Preparation of core–shell nanoparticles via emulsion polymerization induced self-assembly using a maleamic acid-α-methyl styrene copolymer as a macro-initisurf

Abstract

Polymerization induced self-assembly (PISA) is a promising route to prepare nanoparticles with various morphologies at high solid content and has attracted intensive attention in the past few decades. In this study, an amphiphilic maleamic acid-α-methyl styrene copolymer (MAA-alt-AMS, macro-initisurf) was synthesized, which acted as a macroinitiator and emulsifier for the emulsion polymerization induced self-assembly of acrylate monomers to prepare core–shell nanoparticles comprised of MAA-alt-AMS as the shell and poly(methyl methacrylate-ran-butyl acrylate) as the core.

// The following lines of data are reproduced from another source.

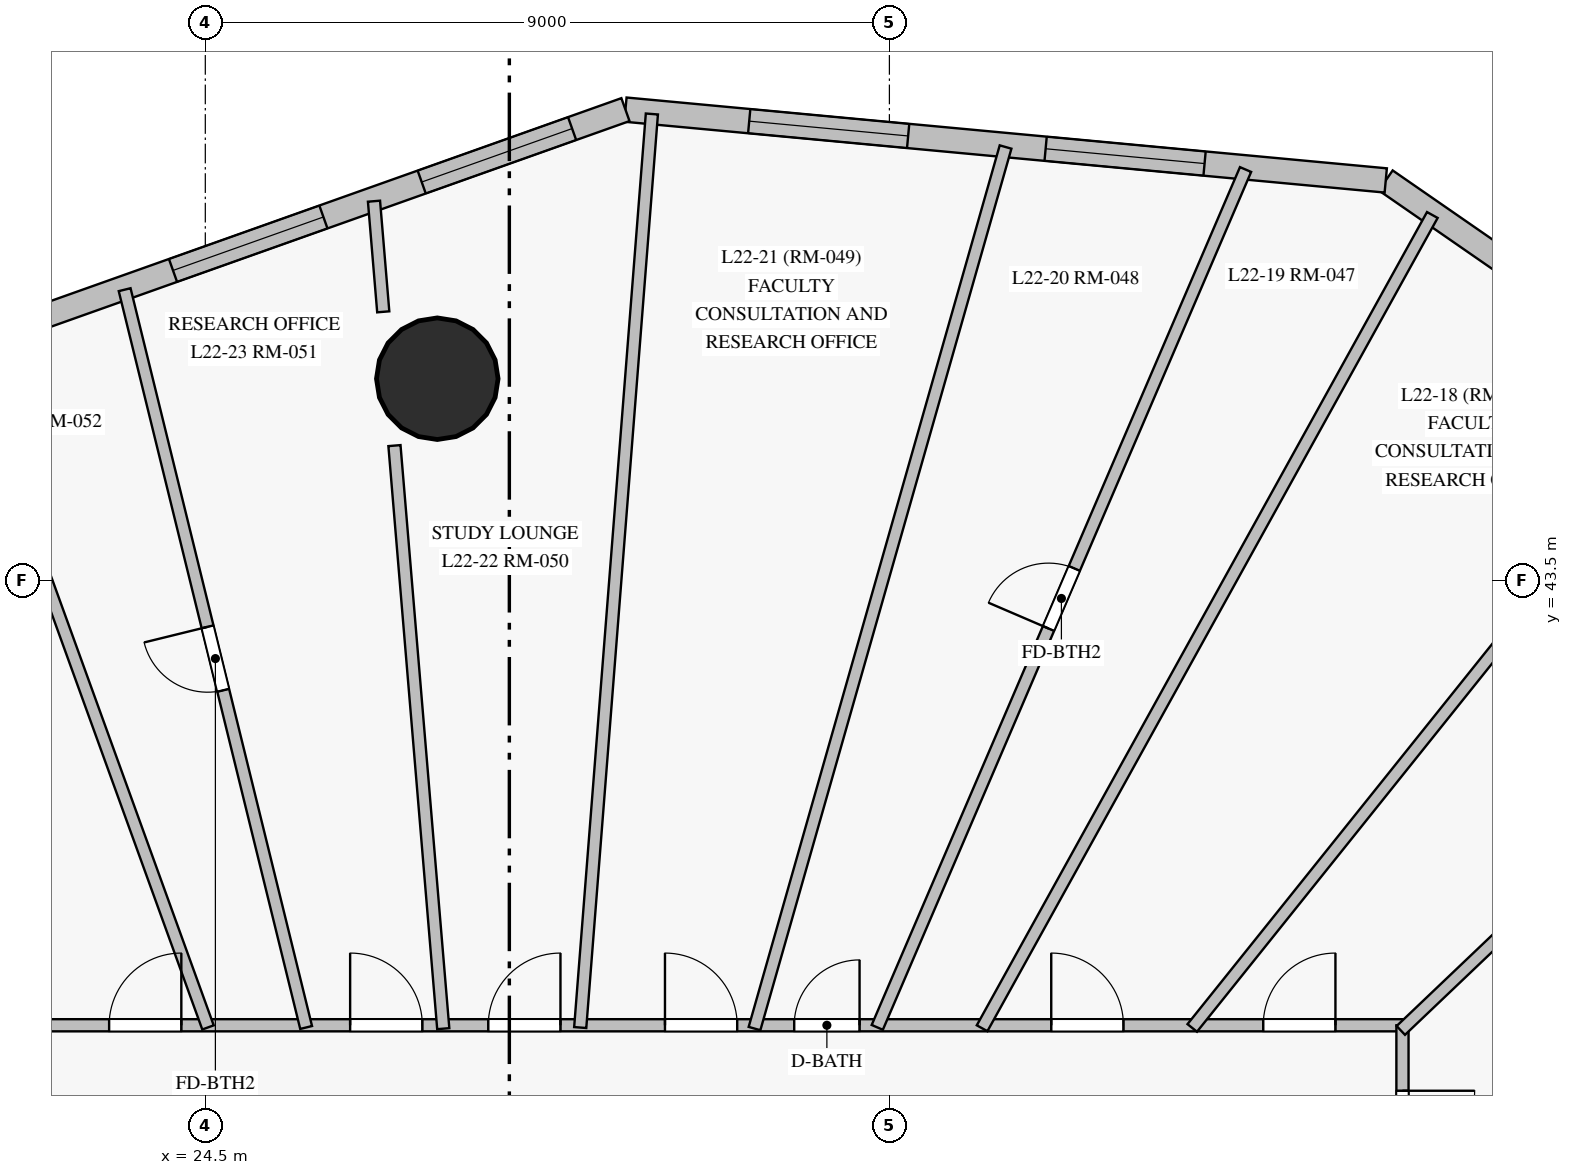
"""IFC4 building model, lengths in metres.
Left out: names, types, materials, properties, quantities, classifications, styles, units other than length and angle.
Written with IfcOpenShell. Run it as: python <this file> out.ifc"""

import sys

from ifc_helpers import new_model, si_unit, direction, frame, frame_2d, origin, origin_with_axes, origin_2d, place, context, subcontext, project, spatial, rectangle, circle, extrude, source, transform, mapped, element, fill, save


model = new_model("IFC4")
c1 = context("Model", 3, precision=1e-05, world=origin(), true_north=direction((0.0, 1.0)))
c2 = subcontext(c1, "Body", "Model", "MODEL_VIEW")
j1 = project(units=[si_unit("LENGTHUNIT", "METRE"), si_unit("PLANEANGLEUNIT", "RADIAN")], contexts=[c1])
p1 = place(None, origin())
s1 = spatial("IfcSite", under=j1, at=p1, CompositionType="ELEMENT")
p2 = place(p1, origin())
s2 = spatial("IfcBuilding", under=s1, at=p2, CompositionType="ELEMENT")
p3 = place(p2, frame((0.0, 0.0, 84.1)))
s3 = spatial("IfcBuildingStorey", under=s2, at=p3, CompositionType="ELEMENT", Elevation=84.1)
m1 = source(origin_with_axes(), c2, "Body", "SweptSolid", [
    extrude(circle(Radius=0.8, at=origin_2d()), origin(), (0.0, 0.0, 1.0), 3.6),
])
p4 = place(p3, frame((27.552, 46.156, 0.0), z_axis=(0.0, 0.0, 1.0), x_axis=(1.0, 0.0, 0.0)))
e1 = element("IfcColumn", 1, at=p4, inside=s3, PredefinedType="COLUMN", context=c2, shape_type="MappedRepresentation", body=[
    mapped(m1, transform((0.0, 0.0, 0.0), scale=1.0)),
])
p5 = place(p3, frame((50.307, 41.653, 0.0), z_axis=(0.0, 0.0, 1.0), x_axis=(-0.822301884345, 0.569051501187, 0.0)))
e2 = element("IfcWall", 2, at=p5, inside=s3, PredefinedType="SOLIDWALL", context=c2, shape_type="SweptSolid", body=[
    extrude(rectangle(XDim=12.498, YDim=0.32, at=frame_2d((6.249, 0.0))), origin(), (0.0, 0.0, 1.0), 3.325),
])
p6 = place(p5, frame((1.102, 0.0, 0.85)))
e3 = element("IfcOpeningElement", 3, at=p6, cuts=e2, PredefinedType="OPENING", context=c2, shape_type="SweptSolid", body=[
    extrude(rectangle(XDim=2.1, YDim=1.95, at=frame_2d((1.05, 0.975))), frame((0.0, 0.17, 0.0), z_axis=(0.0, -1.0, 0.0), x_axis=(1.0, 0.0, 0.0)), (0.0, 0.0, 1.0), 0.34),
])
p7 = place(p5, frame((4.751, 0.0, 0.85)))
e4 = element("IfcOpeningElement", 4, at=p7, cuts=e2, PredefinedType="OPENING", context=c2, shape_type="SweptSolid", body=[
    extrude(rectangle(XDim=2.1, YDim=1.95, at=frame_2d((1.05, 0.975))), frame((0.0, 0.17, 0.0), z_axis=(0.0, -1.0, 0.0), x_axis=(1.0, 0.0, 0.0)), (0.0, 0.0, 1.0), 0.34),
])
p8 = place(p5, frame((8.568, 0.0, 0.85)))
e5 = element("IfcOpeningElement", 5, at=p8, cuts=e2, PredefinedType="OPENING", context=c2, shape_type="SweptSolid", body=[
    extrude(rectangle(XDim=2.1, YDim=1.95, at=frame_2d((1.05, 0.975))), frame((0.0, 0.17, 0.0), z_axis=(0.0, -1.0, 0.0), x_axis=(1.0, 0.0, 0.0)), (0.0, 0.0, 1.0), 0.34),
])
p9 = place(p3, frame((40.03, 48.765, 0.0), z_axis=(0.0, 0.0, 1.0), x_axis=(-0.995690576349, 0.092737673949, 0.0)))
e6 = element("IfcWall", 6, at=p9, inside=s3, PredefinedType="SOLIDWALL", context=c2, shape_type="SweptSolid", body=[
    extrude(rectangle(XDim=10.046, YDim=0.32, at=frame_2d((5.023, 0.0))), origin(), (0.0, 0.0, 1.0), 3.325),
])
p10 = place(p9, frame((2.394, 0.0, 0.85)))
e7 = element("IfcOpeningElement", 7, at=p10, cuts=e6, PredefinedType="OPENING", context=c2, shape_type="SweptSolid", body=[
    extrude(rectangle(XDim=2.1, YDim=1.95, at=frame_2d((1.05, 0.975))), frame((0.0, 0.17, 0.0), z_axis=(0.0, -1.0, 0.0), x_axis=(1.0, 0.0, 0.0)), (0.0, 0.0, 1.0), 0.34),
])
p11 = place(p9, frame((6.311, 0.0, 0.85)))
e8 = element("IfcOpeningElement", 8, at=p11, cuts=e6, PredefinedType="OPENING", context=c2, shape_type="SweptSolid", body=[
    extrude(rectangle(XDim=2.1, YDim=1.95, at=frame_2d((1.05, 0.975))), frame((0.0, 0.17, 0.0), z_axis=(0.0, -1.0, 0.0), x_axis=(1.0, 0.0, 0.0)), (0.0, 0.0, 1.0), 0.34),
])
p12 = place(p3, frame((30.027, 49.696, 0.0), z_axis=(0.0, 0.0, 1.0), x_axis=(-0.942240443112, -0.334937228991, 0.0)))
e9 = element("IfcWall", 9, at=p12, inside=s3, PredefinedType="SOLIDWALL", context=c2, shape_type="SweptSolid", body=[
    extrude(rectangle(XDim=14.562, YDim=0.32, at=frame_2d((7.281, 0.0))), origin(), (0.0, 0.0, 1.0), 3.325),
])
p13 = place(p12, frame((0.745, 0.0, 0.85)))
e10 = element("IfcOpeningElement", 10, at=p13, cuts=e9, PredefinedType="OPENING", context=c2, shape_type="SweptSolid", body=[
    extrude(rectangle(XDim=2.1, YDim=1.95, at=frame_2d((1.05, 0.975))), frame((0.0, 0.17, 0.0), z_axis=(0.0, -1.0, 0.0), x_axis=(1.0, 0.0, 0.0)), (0.0, 0.0, 1.0), 0.34),
])
p14 = place(p12, frame((4.217, 0.0, 0.85)))
e11 = element("IfcOpeningElement", 11, at=p14, cuts=e9, PredefinedType="OPENING", context=c2, shape_type="SweptSolid", body=[
    extrude(rectangle(XDim=2.1, YDim=1.95, at=frame_2d((1.05, 0.975))), frame((0.0, 0.17, 0.0), z_axis=(0.0, -1.0, 0.0), x_axis=(1.0, 0.0, 0.0)), (0.0, 0.0, 1.0), 0.34),
])
p15 = place(p12, frame((10.153, 0.0, 0.85)))
e12 = element("IfcOpeningElement", 12, at=p15, cuts=e9, PredefinedType="OPENING", context=c2, shape_type="SweptSolid", body=[
    extrude(rectangle(XDim=2.1, YDim=1.95, at=frame_2d((1.05, 0.975))), frame((0.0, 0.17, 0.0), z_axis=(0.0, -1.0, 0.0), x_axis=(1.0, 0.0, 0.0)), (0.0, 0.0, 1.0), 0.34),
])
p16 = place(p3, frame((10.5, 37.65, 0.0), z_axis=(0.0, 0.0, 1.0), x_axis=(1.0, 0.0, 0.0)))
e13 = element("IfcWall", 13, at=p16, inside=s3, PredefinedType="PARTITIONING", context=c2, shape_type="SweptSolid", body=[
    extrude(rectangle(XDim=29.75, YDim=0.16, at=frame_2d((14.875, 0.0))), origin(), (0.0, 0.0, 1.0), 2.725),
])
p17 = place(p16, frame((27.918, 0.0, 0.0)))
e14 = element("IfcOpeningElement", 14, at=p17, cuts=e13, PredefinedType="OPENING", context=c2, shape_type="SweptSolid", body=[
    extrude(rectangle(XDim=0.95, YDim=2.15, at=frame_2d((0.475, 1.075))), frame((0.0, 0.09, 0.0), z_axis=(0.0, -1.0, 0.0), x_axis=(1.0, 0.0, 0.0)), (0.0, 0.0, 1.0), 0.18),
])
p18 = place(p16, frame((25.129, 0.0, 0.0)))
e15 = element("IfcOpeningElement", 15, at=p18, cuts=e13, PredefinedType="OPENING", context=c2, shape_type="SweptSolid", body=[
    extrude(rectangle(XDim=0.95, YDim=2.15, at=frame_2d((0.475, 1.075))), frame((0.0, 0.09, 0.0), z_axis=(0.0, -1.0, 0.0), x_axis=(1.0, 0.0, 0.0)), (0.0, 0.0, 1.0), 0.18),
])
p19 = place(p16, frame((21.748, 0.0, 0.0)))
e16 = element("IfcOpeningElement", 16, at=p19, cuts=e13, PredefinedType="OPENING", context=c2, shape_type="SweptSolid", body=[
    extrude(rectangle(XDim=0.86, YDim=2.1, at=frame_2d((0.43, 1.05))), frame((0.0, 0.09, 0.0), z_axis=(0.0, -1.0, 0.0), x_axis=(1.0, 0.0, 0.0)), (0.0, 0.0, 1.0), 0.18),
])
p20 = place(p16, frame((20.048, 0.0, 0.0)))
e17 = element("IfcOpeningElement", 17, at=p20, cuts=e13, PredefinedType="OPENING", context=c2, shape_type="SweptSolid", body=[
    extrude(rectangle(XDim=0.95, YDim=2.15, at=frame_2d((0.475, 1.075))), frame((0.0, 0.09, 0.0), z_axis=(0.0, -1.0, 0.0), x_axis=(1.0, 0.0, 0.0)), (0.0, 0.0, 1.0), 0.18),
])
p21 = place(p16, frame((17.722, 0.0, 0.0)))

Using DPPH as a radical scavenger, the thermal-induced decomposition of MAA-alt-AMS chains was investigated. The results showed that the polymer chains of MAA-alt-AMS can be clefted to generate macromolecular radicals to initiate the polymerization of monomers at a temperature above 70 °C. The chain scission of MAA-alt-AMS can be regarded as the first-order reaction and the activation energy of decomposition is determined to be 62.81 kJ mol⁻¹. The emulsion PISA of acrylate monomers initiated by the macro-initisurf shows a high conversion, which can reach almost 100% with a mass ratio of the macro-initisurf to monomers of 2 : 5 and the obtained spherical nanoparticles possess a shell–core structure and narrow size distribution (PDI < 0.05). The size of nanoparticles can be tuned from 80 to 200 nm by changing the macro-initisurf content, monomer ratio and reaction temperature, while the thickness of the shell remained around 20–30 nm regardless of reaction conditions. The MAA-alt-AMS triggered emulsion PISA has the advantages of a short reaction time (can be finished within 2 h) and a high solid content (up to 50%), and has great potential in large scale industrial application.